Nesthäkchen 08 - Nesthäkchens Jüngste
Muttchen.«
»Ja, von euch läßt sich niemand in Charlottenburg blicken. Dein Mann ist der einzige, der noch hin und wieder mal nach mir sieht«, meinte Frau Braun halb scherzhaft, halb im Ernst.
»Bei uns ist es jetzt so schön draußen, man mag gar nicht aus seinem Garten fort. Es ist viel richtiger, du kommst zu uns und genießt hier den Frühling.«
»An Charlottenburg ist der Frühling auch nicht vorübergegangen, Annemarie. Wenn er mich auch vielleicht nicht mehr zu finden weiß.«
»Komm, Omama, du mußt dich hier in meinen Faulenzerstuhl legen, da genießt man doppelt.« Ursel wollte keine Traurigkeit bei der Großmama aufkommen lassen.
»Nein, mein Herzchen, ein Korbsessel ist mir angenehmer. So, danke schön, Hansi. Hier sitzt es sich wirklich schön.« Die matten Augen der alten Dame belebten sich, als sie in das Blühen ringsum schaute.
»Gelt, Mutterle? Wie haben wir das für dich hergerichtet? Die Annemie war die ganze Woche schon in Aufregung, ob Goldlack und Flieder auch ihrem Befehl, zum Sonntag zu blühen, nachkommen würden. Aber die haben ebensolchen Respekt vor ihr wie ihr armer Ehemann.« Es war Rudi wieder mal gelungen, die alte Dame in bessere Stimmung zu bringen.
»Und mein Urselchen will gar nichts mehr von ihrer alten Omama wissen? Hanne sagte erst gestern: Unsere Kinderchen finden überhaupt den Weg nicht mehr zu uns Alten.« »Berufspflichten, Omama.« Ursel machte ein drollig wichtiges Gesicht. »Augenblicklich ist viel los an der Börse. Da ruht natürlich alles auf den Schultern eines geplagten Banklehrlings.«
»Adressen schreibt sie, und Dummheiten treibt sie«, warf Hans trocken dazwischen. »Richtig, mein Urselchen ist ja inzwischen in Amt und Würden. Na, gefällt es dir denn dort, mein Kind?« erkundigte sich die Großmama, ihren Liebling zärtlich auf den Stuhl neben sich ziehend.

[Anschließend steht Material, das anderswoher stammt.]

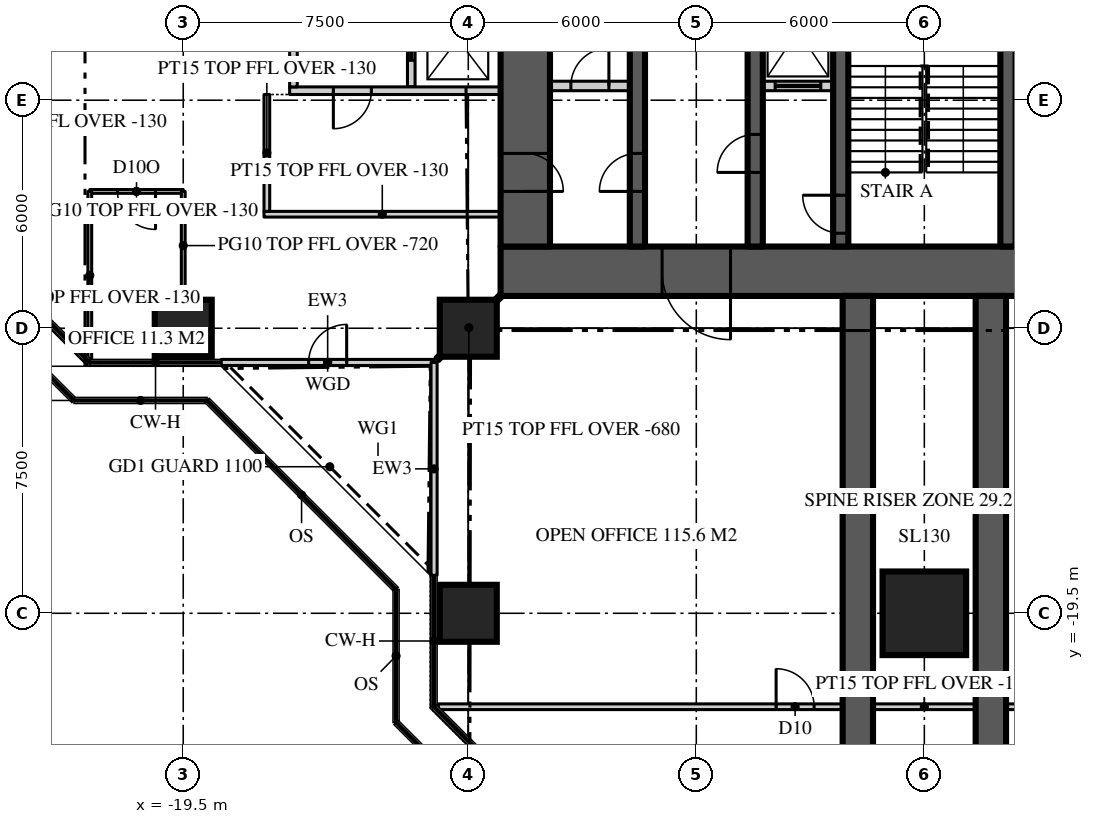
"""IFC4 building model, lengths in metres.
Left out: names, types, materials, properties, quantities, classifications, styles, units other than length and angle.
Written with IfcOpenShell. Run it as: python <this file> out.ifc"""

import sys

from ifc_helpers import new_model, si_unit, direction, frame, frame_2d, origin, origin_2d, place, context, subcontext, project, spatial, rectangle, extrude, element, fill, save


model = new_model("IFC4")
c1 = context("Model", 3, precision=1e-05, world=origin(), true_north=direction((0.0, 1.0)))
c2 = subcontext(c1, "Body", "Model", "MODEL_VIEW")
j1 = project(units=[si_unit("LENGTHUNIT", "METRE"), si_unit("PLANEANGLEUNIT", "RADIAN")], contexts=[c1])
p1 = place(None, origin())
s1 = spatial("IfcSite", under=j1, at=p1, CompositionType="ELEMENT")
p2 = place(p1, origin())
s2 = spatial("IfcBuilding", under=s1, at=p2, CompositionType="ELEMENT")
p3 = place(p2, frame((0.0, 0.0, 204.9)))
s3 = spatial("IfcBuildingStorey", under=s2, at=p3, CompositionType="ELEMENT", Elevation=204.9)
p4 = place(p3, frame((11.15, -10.5, 0.0), z_axis=(0.0, 0.0, 1.0), x_axis=(-1.0, 0.0, 0.0)))
e1 = element("IfcWall", 1, at=p4, inside=s3, PredefinedType="SHEAR", context=c2, shape_type="SweptSolid", body=[
    extrude(rectangle(XDim=22.3, YDim=1.3, at=frame_2d((11.15, 0.0))), origin(), (0.0, 0.0, 1.0), 3.9),
])
p5 = place(p4, frame((16.25, 0.0, 0.0)))
e2 = element("IfcOpeningElement", 2, at=p5, cuts=e1, PredefinedType="OPENING", context=c2, shape_type="SweptSolid", body=[
    extrude(rectangle(XDim=1.8, YDim=2.2, at=frame_2d((0.9, 1.1))), frame((0.0, 0.66, 0.0), z_axis=(0.0, -1.0, 0.0), x_axis=(1.0, 0.0, 0.0)), (0.0, 0.0, 1.0), 1.32),
])
p6 = place(p4, frame((4.25, 0.0, 0.0)))
e3 = element("IfcOpeningElement", 3, at=p6, cuts=e1, PredefinedType="OPENING", context=c2, shape_type="SweptSolid", body=[
    extrude(rectangle(XDim=1.8, YDim=2.2, at=frame_2d((0.9, 1.1))), frame((0.0, 0.66, 0.0), z_axis=(0.0, -1.0, 0.0), x_axis=(1.0, 0.0, 0.0)), (0.0, 0.0, 1.0), 1.32),
])
p7 = place(p3, frame((-10.5, 9.85, 0.0), z_axis=(0.0, 0.0, 1.0), x_axis=(0.0, -1.0, 0.0)))
e4 = element("IfcWall", 4, at=p7, inside=s3, PredefinedType="SHEAR", context=c2, shape_type="SweptSolid", body=[
    extrude(rectangle(XDim=19.7, YDim=1.3, at=frame_2d((9.85, 0.0))), origin(), (0.0, 0.0, 1.0), 3.9),
])
p8 = place(p7, frame((17.25, 0.0, 0.0)))
e5 = element("IfcOpeningElement", 5, at=p8, cuts=e4, PredefinedType="OPENING", context=c2, shape_type="SweptSolid", body=[
    extrude(rectangle(XDim=1.0, YDim=2.2, at=frame_2d((0.5, 1.1))), frame((0.0, 0.66, 0.0), z_axis=(0.0, -1.0, 0.0), x_axis=(1.0, 0.0, 0.0)), (0.0, 0.0, 1.0), 1.32),
])
for number, where, z_axis, x_axis in (
    (6, (-1.75, -11.15, 0.0), (0.0, 0.0, 1.0), (0.0, -1.0, 0.0)),
    (7, (1.75, -11.15, 0.0), (0.0, 0.0, 1.0), (0.0, -1.0, 0.0)),
):
    element("IfcWall", number, at=place(p3, frame(where, z_axis=z_axis, x_axis=x_axis)), inside=s3, PredefinedType="SHEAR", context=c2, shape_type="SweptSolid", body=[
        extrude(rectangle(XDim=15.25, YDim=0.8, at=frame_2d((7.625, 0.0))), origin(), (0.0, 0.0, 1.0), 3.9),
    ])
p9 = place(p3, frame((-12.0, -19.5, 0.0), z_axis=(0.0, 0.0, 1.0), x_axis=(1.0, 0.0, 0.0)))
e8 = element("IfcColumn", 8, at=p9, inside=s3, PredefinedType="COLUMN", context=c2, shape_type="SweptSolid", body=[
    extrude(rectangle(XDim=1.5, YDim=1.5, at=origin_2d()), origin(), (0.0, 0.0, 1.0), 3.9),
])
p10 = place(p3, frame((0.0, -19.5, 0.0), z_axis=(0.0, 0.0, 1.0), x_axis=(1.0, 0.0, 0.0)))
e9 = element("IfcColumn", 9, at=p10, inside=s3, PredefinedType="COLUMN", context=c2, shape_type="SweptSolid", body=[
    extrude(rectangle(XDim=2.2, YDim=2.2, at=origin_2d()), origin(), (0.0, 0.0, 1.0), 3.9),
])
for number, where, z_axis, x_axis in (
    (10, (-19.5, -12.0, 0.0), (0.0, 0.0, 1.0), (1.0, 0.0, 0.0)),
    (11, (-12.0, -12.0, 0.0), (0.0, 0.0, 1.0), (1.0, 0.0, 0.0)),
):
    element("IfcColumn", number, at=place(p3, frame(where, z_axis=z_axis, x_axis=x_axis)), inside=s3, PredefinedType="COLUMN", context=c2, shape_type="SweptSolid", body=[
        extrude(rectangle(XDim=1.5, YDim=1.5, at=origin_2d()), origin(), (0.0, 0.0, 1.0), 3.9),
    ])
p11 = place(p3, frame((-18.5, -12.9, 0.0), z_axis=(0.0, 0.0, 1.0), x_axis=(1.0, 0.0, 0.0)))
e12 = element("IfcWall", 12, at=p11, inside=s3, PredefinedType="SOLIDWALL", context=c2, shape_type="SweptSolid", body=[
    extrude(rectangle(XDim=5.6, YDim=0.16, at=frame_2d((2.8, 0.0))), origin(), (0.0, 0.0, 1.0), 3.77),
])
p12 = place(p11, frame((2.3, 0.0, 0.0)))
e13 = element("IfcOpeningElement", 13, at=p12, cuts=e12, PredefinedType="OPENING", context=c2, shape_type="SweptSolid", body=[
    extrude(rectangle(XDim=1.0, YDim=2.2, at=frame_2d((0.5, 1.1))), frame((0.0, 0.09, 0.0), z_axis=(0.0, -1.0, 0.0), x_axis=(1.0, 0.0, 0.0)), (0.0, 0.0, 1.0), 0.18),
])
p13 = place(p3, frame((-12.9, -12.9, 0.0), z_axis=(0.0, 0.0, 1.0), x_axis=(0.0, -1.0, 0.0)))
e14 = element("IfcWall", 14, at=p13, inside=s3, PredefinedType="SOLIDWALL", context=c2, shape_type="SweptSolid", body=[
    extrude(rectangle(XDim=5.6, YDim=0.16, at=frame_2d((2.8, 0.0))), origin(), (0.0, 0.0, 1.0), 3.77),
])
p14 = place(p3, frame((-7.55, -9.85, 0.0), z_axis=(0.0, 0.0, 1.0), x_axis=(0.0, 1.0, 0.0)))
e15 = element("IfcWall", 15, at=p14, inside=s3, PredefinedType="SHEAR", context=c2, shape_type="SweptSolid", body=[
    extrude(rectangle(XDim=19.7, YDim=0.4, at=frame_2d((9.85, 0.0))), origin(), (0.0, 0.0, 1.0), 3.9),
])
p15 = place(p14, frame((1.45, 0.0, 0.0)))
e16 = element("IfcOpeningElement", 16, at=p15, cuts=e15, PredefinedType="OPENING", context=c2, shape_type="SweptSolid", body=[
    extrude(rectangle(XDim=1.0, YDim=2.2, at=frame_2d((0.5, 1.1))), frame((0.0, 0.21, 0.0), z_axis=(0.0, -1.0, 0.0), x_axis=(1.0, 0.0, 0.0)), (0.0, 0.0, 1.0), 0.42),
])
p16 = place(p14, frame((17.3, 0.0, 0.0)))
e17 = element("IfcOpeningElement", 17, at=p16, cuts=e15, PredefinedType="OPENING", context=c2, shape_type="SweptSolid", body=[
    extrude(rectangle(XDim=0.9, YDim=2.1, at=frame_2d((0.45, 1.05))), frame((0.0, 0.21, 0.0), z_axis=(0.0, -1.0, 0.0), x_axis=(1.0, 0.0, 0.0)), (0.0, 0.0, 1.0), 0.42),
])
p17 = place(p3, frame((-4.45, -9.85, 0.0), z_axis=(0.0, 0.0, 1.0), x_axis=(0.0, 1.0, 0.0)))
e18 = element("IfcWall", 18, at=p17, inside=s3, PredefinedType="SHEAR", context=c2, shape_type="SweptSolid", body=[
    extrude(rectangle(XDim=19.7, YDim=0.4, at=frame_2d((9.85, 0.0))), origin(), (0.0, 0.0, 1.0), 3.9),
])
p18 = place(p17, frame((1.95, 0.0, 0.0)))
e19 = element("IfcOpeningElement", 19, at=p18, cuts=e18, PredefinedType="OPENING", context=c2, shape_type="SweptSolid", body=[
    extrude(rectangle(XDim=1.0, YDim=2.2, at=frame_2d((0.5, 1.1))), frame((0.0, 0.21, 0.0), z_axis=(0.0, -1.0, 0.0), x_axis=(1.0, 0.0, 0.0)), (0.0, 0.0, 1.0), 0.42),
])
p19 = place(p17, frame((17.25, 0.0, 0.0)))
e20 = element("IfcOpeningElement", 20, at=p19, cuts=e18, PredefinedType="OPENING", context=c2, shape_type="SweptSolid", body=[
    extrude(rectangle(XDim=1.0, YDim=2.1, at=frame_2d((0.5, 1.05))), frame((0.0, 0.21, 0.0), z_axis=(0.0, -1.0, 0.0), x_axis=(1.0, 0.0, 0.0)), (0.0, 0.0, 1.0), 0.42),
])
p20 = place(p3, frame((-2.2, -9.85, 0.0), z_axis=(0.0, 0.0, 1.0), x_axis=(0.0, 1.0, 0.0)))
e21 = element("IfcWall", 21, at=p20, inside=s3, PredefinedType="SHEAR", context=c2, shape_type="SweptSolid", body=[
    extrude(rectangle(XDim=19.7, YDim=0.4, at=frame_2d((9.85, 0.0))), origin(), (0.0, 0.0, 1.0), 3.9),
])
p21 = place(p20, frame((0.35, 0.0, 0.0)))
e22 = element("IfcOpeningElement", 22, at=p21, cuts=e21, PredefinedType="OPENING", context=c2, shape_type="SweptSolid", body=[
    extrude(rectangle(XDim=1.0, YDim=2.2, at=frame_2d((0.5, 1.1))), frame((0.0, 0.21, 0.0), z_axis=(0.0, -1.0, 0.0), x_axis=(1.0, 0.0, 0.0)), (0.0, 0.0, 1.0), 0.42),
])
p22 = place(p3, frame((2.2, 9.85, 0.0), z_axis=(0.0, 0.0, 1.0), x_axis=(0.0, -1.0, 0.0)))
e23 = element("IfcWall", 23, at=p22, inside=s3, PredefinedType="SHEAR", context=c2, shape_type="SweptSolid", body=[
    extrude(rectangle(XDim=19.7, YDim=0.4, at=frame_2d((9.85, 0.0))), origin(), (0.0, 0.0, 1.0), 3.9),
])
p23 = place(p22, frame((0.35, 0.0, 0.0)))
e24 = element("IfcOpeningElement", 24, at=p23, cuts=e23, PredefinedType="OPENING", context=c2, shape_type="SweptSolid", body=[
    extrude(rectangle(XDim=1.0, YDim=2.2, at=frame_2d((0.5, 1.1))), frame((0.0, 0.21, 0.0), z_axis=(0.0, -1.0, 0.0), x_axis=(1.0, 0.0, 0.0)), (0.0, 0.0, 1.0), 0.42),
])
p24 = place(p3, frame((-9.85, -5.625, 0.0), z_axis=(0.0, 0.0, 1.0), x_axis=(1.0, 0.0, 0.0)))
e25 = element("IfcWall", 25, at=p24, inside=s3, PredefinedType="SOLIDWALL", context=c2, shape_type="SweptSolid", body=[
    extrude(rectangle(XDim=2.1, YDim=0.25, at=frame_2d((1.05, 0.0))), origin(), (0.0, 0.0, 1.0), 3.7),
])
p25 = place(p24, frame((0.55, 0.0, 0.0)))
e26 = element("IfcOpeningElement", 26, at=p25, cuts=e25, PredefinedType="OPENING", context=c2, shape_type="SweptSolid", body=[
    extrude(rectangle(XDim=1.0, YDim=2.2, at=frame_2d((0.5, 1.1))), frame((0.0, 0.135, 0.0), z_axis=(0.0, -1.0, 0.0), x_axis=(1.0, 0.0, 0.0)), (0.0, 0.0, 1.0), 0.27),
])
p26 = place(p3, frame((-4.25, -5.625, 0.0), z_axis=(0.0, 0.0, 1.0), x_axis=(1.0, 0.0, 0.0)))
e27 = element("IfcWall", 27, at=p26, inside=s3, PredefinedType="SOLIDWALL", context=c2, shape_type="SweptSolid", body=[
    extrude(rectangle(XDim=1.85, YDim=0.25, at=frame_2d((0.925, 0.0))), origin(), (0.0, 0.0, 1.0), 3.7),
])
p27 = place(p26, frame((0.325, 0.0, 0.0)))
e28 = element("IfcOpeningElement", 28, at=p27, cuts=e27, PredefinedType="OPENING", context=c2, shape_type="SweptSolid", body=[
    extrude(rectangle(XDim=1.2, YDim=2.2, at=frame_2d((0.6, 1.1))), frame((0.0, 0.135, 0.0), z_axis=(0.0, -1.0, 0.0), x_axis=(1.0, 0.0, 0.0)), (0.0, 0.0, 1.0), 0.27),
])
p28 = place(p3, frame((-19.5, -8.4, 0.0), z_axis=(0.0, 0.0, 1.0), x_axis=(-1.0, 0.0, 0.0)))
e29 = element("IfcWall", 29, at=p28, inside=s3, PredefinedType="PARTITIONING", context=c2, shape_type="SweptSolid", body=[
    extrude(rectangle(XDim=2.459, YDim=0.1, at=frame_2d((1.229, 0.0))), origin(), (0.0, 0.0, 1.0), 3.77),
])
p29 = place(p28, frame((0.729, 0.0, 0.0)))
e30 = element("IfcOpeningElement", 30, at=p29, cuts=e29, PredefinedType="OPENING", context=c2, shape_type="SweptSolid", body=[
    extrude(rectangle(XDim=1.0, YDim=2.2, at=frame_2d((0.5, 1.1))), frame((0.0, 0.06, 0.0), z_axis=(0.0, -1.0, 0.0), x_axis=(1.0, 0.0, 0.0)), (0.0, 0.0, 1.0), 0.12),
])
p30 = place(p3, frame((-19.5, -8.4, 0.0), z_axis=(0.0, 0.0, 1.0), x_axis=(0.0, -1.0, 0.0)))
e31 = element("IfcWall", 31, at=p30, inside=s3, PredefinedType="PARTITIONING", context=c2, shape_type="SweptSolid", body=[
    extrude(rectangle(XDim=2.85, YDim=0.1, at=frame_2d((1.425, 0.0))), origin(), (0.0, 0.0, 1.0), 3.18),
])
p31 = place(p3, frame((-21.959, -8.4, 0.0), z_axis=(0.0, 0.0, 1.0), x_axis=(0.0, -1.0, 0.0)))
e32 = element("IfcWall", 32, at=p31, inside=s3, PredefinedType="PARTITIONING", context=c2, shape_type="SweptSolid", body=[
    extrude(rectangle(XDim=4.42, YDim=0.1, at=frame_2d((2.21, 0.0))), origin(), (0.0, 0.0, 1.0), 3.77),
])
p32 = place(p3, frame((-12.786, -21.959, 0.0), z_axis=(0.0, 0.0, 1.0), x_axis=(1.0, 0.0, 0.0)))
e33 = element("IfcWall", 33, at=p32, inside=s3, PredefinedType="PARTITIONING", context=c2, shape_type="SweptSolid", body=[
    extrude(rectangle(XDim=25.573, YDim=0.15, at=frame_2d((12.786, 0.0))), origin(), (0.0, 0.0, 1.0), 3.77),
])
p33 = place(p32, frame((15.687, 0.0, 0.0)))
e34 = element("IfcOpeningElement", 34, at=p33, cuts=e33, PredefinedType="OPENING", context=c2, shape_type="SweptSolid", body=[
    extrude(rectangle(XDim=1.0, YDim=2.2, at=frame_2d((0.5, 1.1))), frame((0.0, 0.085, 0.0), z_axis=(0.0, -1.0, 0.0), x_axis=(1.0, 0.0, 0.0)), (0.0, 0.0, 1.0), 0.17),
])
p34 = place(p32, frame((8.886, 0.0, 0.0)))
e35 = element("IfcOpeningElement", 35, at=p34, cuts=e33, PredefinedType="OPENING", context=c2, shape_type="SweptSolid", body=[
    extrude(rectangle(XDim=1.0, YDim=2.2, at=frame_2d((0.5, 1.1))), frame((0.0, 0.085, 0.0), z_axis=(0.0, -1.0, 0.0), x_axis=(1.0, 0.0, 0.0)), (0.0, 0.0, 1.0), 0.17),
])
p35 = place(p3, frame((-13.5, 5.65, 0.0), z_axis=(0.0, 0.0, 1.0), x_axis=(0.0, -1.0, 0.0)))
e36 = element("IfcWall", 36, at=p35, inside=s3, PredefinedType="SOLIDWALL", context=c2, shape_type="SweptSolid", body=[
    extrude(rectangle(XDim=11.3, YDim=0.2, at=frame_2d((5.65, 0.0))), origin(), (0.0, 0.0, 1.0), 3.7),
])
p36 = place(p35, frame((0.7, 0.0, 0.0)))
e37 = element("IfcOpeningElement", 37, at=p36, cuts=e36, PredefinedType="OPENING", context=c2, shape_type="SweptSolid", body=[
    extrude(rectangle(XDim=1.1, YDim=2.2, at=frame_2d((0.55, 1.1))), frame((0.0, 0.11, 0.0), z_axis=(0.0, -1.0, 0.0), x_axis=(1.0, 0.0, 0.0)), (0.0, 0.0, 1.0), 0.22),
])
p37 = place(p35, frame((3.4, 0.0, 0.0)))
e38 = element("IfcOpeningElement", 38, at=p37, cuts=e36, PredefinedType="OPENING", context=c2, shape_type="SweptSolid", body=[
    extrude(rectangle(XDim=1.1, YDim=2.2, at=frame_2d((0.55, 1.1))), frame((0.0, 0.11, 0.0), z_axis=(0.0, -1.0, 0.0), x_axis=(1.0, 0.0, 0.0)), (0.0, 0.0, 1.0), 0.22),
])
p38 = place(p35, frame((6.8, 0.0, 0.0)))
e39 = element("IfcOpeningElement", 39, at=p38, cuts=e36, PredefinedType="OPENING", context=c2, shape_type="SweptSolid", body=[
    extrude(rectangle(XDim=1.1, YDim=2.2, at=frame_2d((0.55, 1.1))), frame((0.0, 0.11, 0.0), z_axis=(0.0, -1.0, 0.0), x_axis=(1.0, 0.0, 0.0)), (0.0, 0.0, 1.0), 0.22),
])
p39 = place(p35, frame((9.5, 0.0, 0.0)))
e40 = element("IfcOpeningElement", 40, at=p39, cuts=e36, PredefinedType="OPENING", context=c2, shape_type="SweptSolid", body=[
    extrude(rectangle(XDim=1.1, YDim=2.2, at=frame_2d((0.55, 1.1))), frame((0.0, 0.11, 0.0), z_axis=(0.0, -1.0, 0.0), x_axis=(1.0, 0.0, 0.0)), (0.0, 0.0, 1.0), 0.22),
])
p40 = place(p3, frame((-11.15, -5.75, 0.0), z_axis=(0.0, 0.0, 1.0), x_axis=(-1.0, 0.0, 0.0)))
e41 = element("IfcWall", 41, at=p40, inside=s3, PredefinedType="SOLIDWALL", context=c2, shape_type="SweptSolid", body=[
    extrude(rectangle(XDim=5.55, YDim=0.2, at=frame_2d((2.775, 0.0))), origin(), (0.0, 0.0, 1.0), 3.7),
])
p41 = place(p40, frame((3.4, 0.0, 0.0)))
e42 = element("IfcOpeningElement", 42, at=p41, cuts=e41, PredefinedType="OPENING", context=c2, shape_type="SweptSolid", body=[
    extrude(rectangle(XDim=1.0, YDim=2.2, at=frame_2d((0.5, 1.1))), frame((0.0, 0.11, 0.0), z_axis=(0.0, -1.0, 0.0), x_axis=(1.0, 0.0, 0.0)), (0.0, 0.0, 1.0), 0.22),
])
p42 = place(p3, frame((-16.6, 5.65, 0.0), z_axis=(0.0, 0.0, 1.0), x_axis=(0.0, -1.0, 0.0)))
e43 = element("IfcWall", 43, at=p42, inside=s3, PredefinedType="SOLIDWALL", context=c2, shape_type="SweptSolid", body=[
    extrude(rectangle(XDim=11.3, YDim=0.2, at=frame_2d((5.65, 0.0))), origin(), (0.0, 0.0, 1.0), 3.18),
])
p43 = place(p42, frame((4.75, 0.0, 0.0)))
e44 = element("IfcOpeningElement", 44, at=p43, cuts=e43, PredefinedType="OPENING", context=c2, shape_type="SweptSolid", body=[
    extrude(rectangle(XDim=1.8, YDim=2.2, at=frame_2d((0.9, 1.1))), frame((0.0, 0.11, 0.0), z_axis=(0.0, -1.0, 0.0), x_axis=(1.0, 0.0, 0.0)), (0.0, 0.0, 1.0), 0.22),
])
p44 = place(p3, frame((-11.15, -11.15, 0.0), z_axis=(0.0, 0.0, 1.0), x_axis=(-0.707106781187, -0.707106781187, 0.0)))
e45 = element("IfcWall", 45, at=p44, inside=s3, PredefinedType="PARTITIONING", context=c2, shape_type="SweptSolid", body=[
    extrude(rectangle(XDim=2.362, YDim=0.15, at=frame_2d((1.181, 0.0))), origin(), (0.0, 0.0, 1.0), 3.22),
])
p45 = place(p3, frame((-11.15, -9.0, 0.0), z_axis=(0.0, 0.0, 1.0), x_axis=(-1.0, 0.0, 0.0)))
e46 = element("IfcWall", 46, at=p45, inside=s3, PredefinedType="PARTITIONING", context=c2, shape_type="SweptSolid", body=[
    extrude(rectangle(XDim=6.225, YDim=0.15, at=frame_2d((3.113, 0.0))), origin(), (0.0, 0.0, 1.0), 3.77),
])
p46 = place(p3, frame((-17.3, -5.85, 0.0), z_axis=(0.0, 0.0, 1.0), x_axis=(0.0, -1.0, 0.0)))
e47 = element("IfcWall", 47, at=p46, inside=s3, PredefinedType="PARTITIONING", context=c2, shape_type="SweptSolid", body=[
    extrude(rectangle(XDim=3.075, YDim=0.15, at=frame_2d((1.538, 0.0))), origin(), (0.0, 0.0, 1.0), 3.77),
])
p47 = place(p12, origin())
e48 = element("IfcDoor", 48, at=p47, inside=s3, OperationType="SINGLE_SWING_RIGHT", PredefinedType="DOOR", context=c2, shape_type="SweptSolid", body=[
    extrude(rectangle(XDim=1.0, YDim=2.2, at=frame_2d((0.5, 1.1))), frame((0.0, 0.025, 0.0), z_axis=(0.0, -1.0, 0.0), x_axis=(1.0, 0.0, 0.0)), (0.0, 0.0, 1.0), 0.05),
])
fill(e13, e48)
p48 = place(p5, origin())
e49 = element("IfcDoor", 49, at=p48, inside=s3, OperationType="DOUBLE_DOOR_DOUBLE_SWING", PredefinedType="DOOR", context=c2, shape_type="SweptSolid", body=[
    extrude(rectangle(XDim=1.8, YDim=2.2, at=frame_2d((0.9, 1.1))), frame((0.0, 0.025, 0.0), z_axis=(0.0, -1.0, 0.0), x_axis=(1.0, 0.0, 0.0)), (0.0, 0.0, 1.0), 0.05),
])
fill(e2, e49)
p49 = place(p15, origin())
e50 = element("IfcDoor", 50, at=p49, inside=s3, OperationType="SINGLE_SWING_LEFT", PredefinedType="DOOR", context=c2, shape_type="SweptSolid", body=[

»So gut, daß ich bei der nächsten Gelegenheit wieder auskneife. Vorausgesetzt, daß ich nicht schon früher an die Luft gesetzt werde. Ach, Omamachen, ich sage dir, Zuchthausarbeit ist ein Vergnügen gegen dieses stumpfsinnige Adressenschreiben.« »Nun - nun, mein Herzchen, wenn die Leute erst sehen, was sie für eine Kraft an dir haben, werden sie dich schon zu interessanterer Tätigkeit heranziehen. Aller Anfang ist schwer.« »Das Ende ist leider noch viel schwerer als der Anfang, da es noch gar nicht abzusehen ist«, seufzte die Enkelin.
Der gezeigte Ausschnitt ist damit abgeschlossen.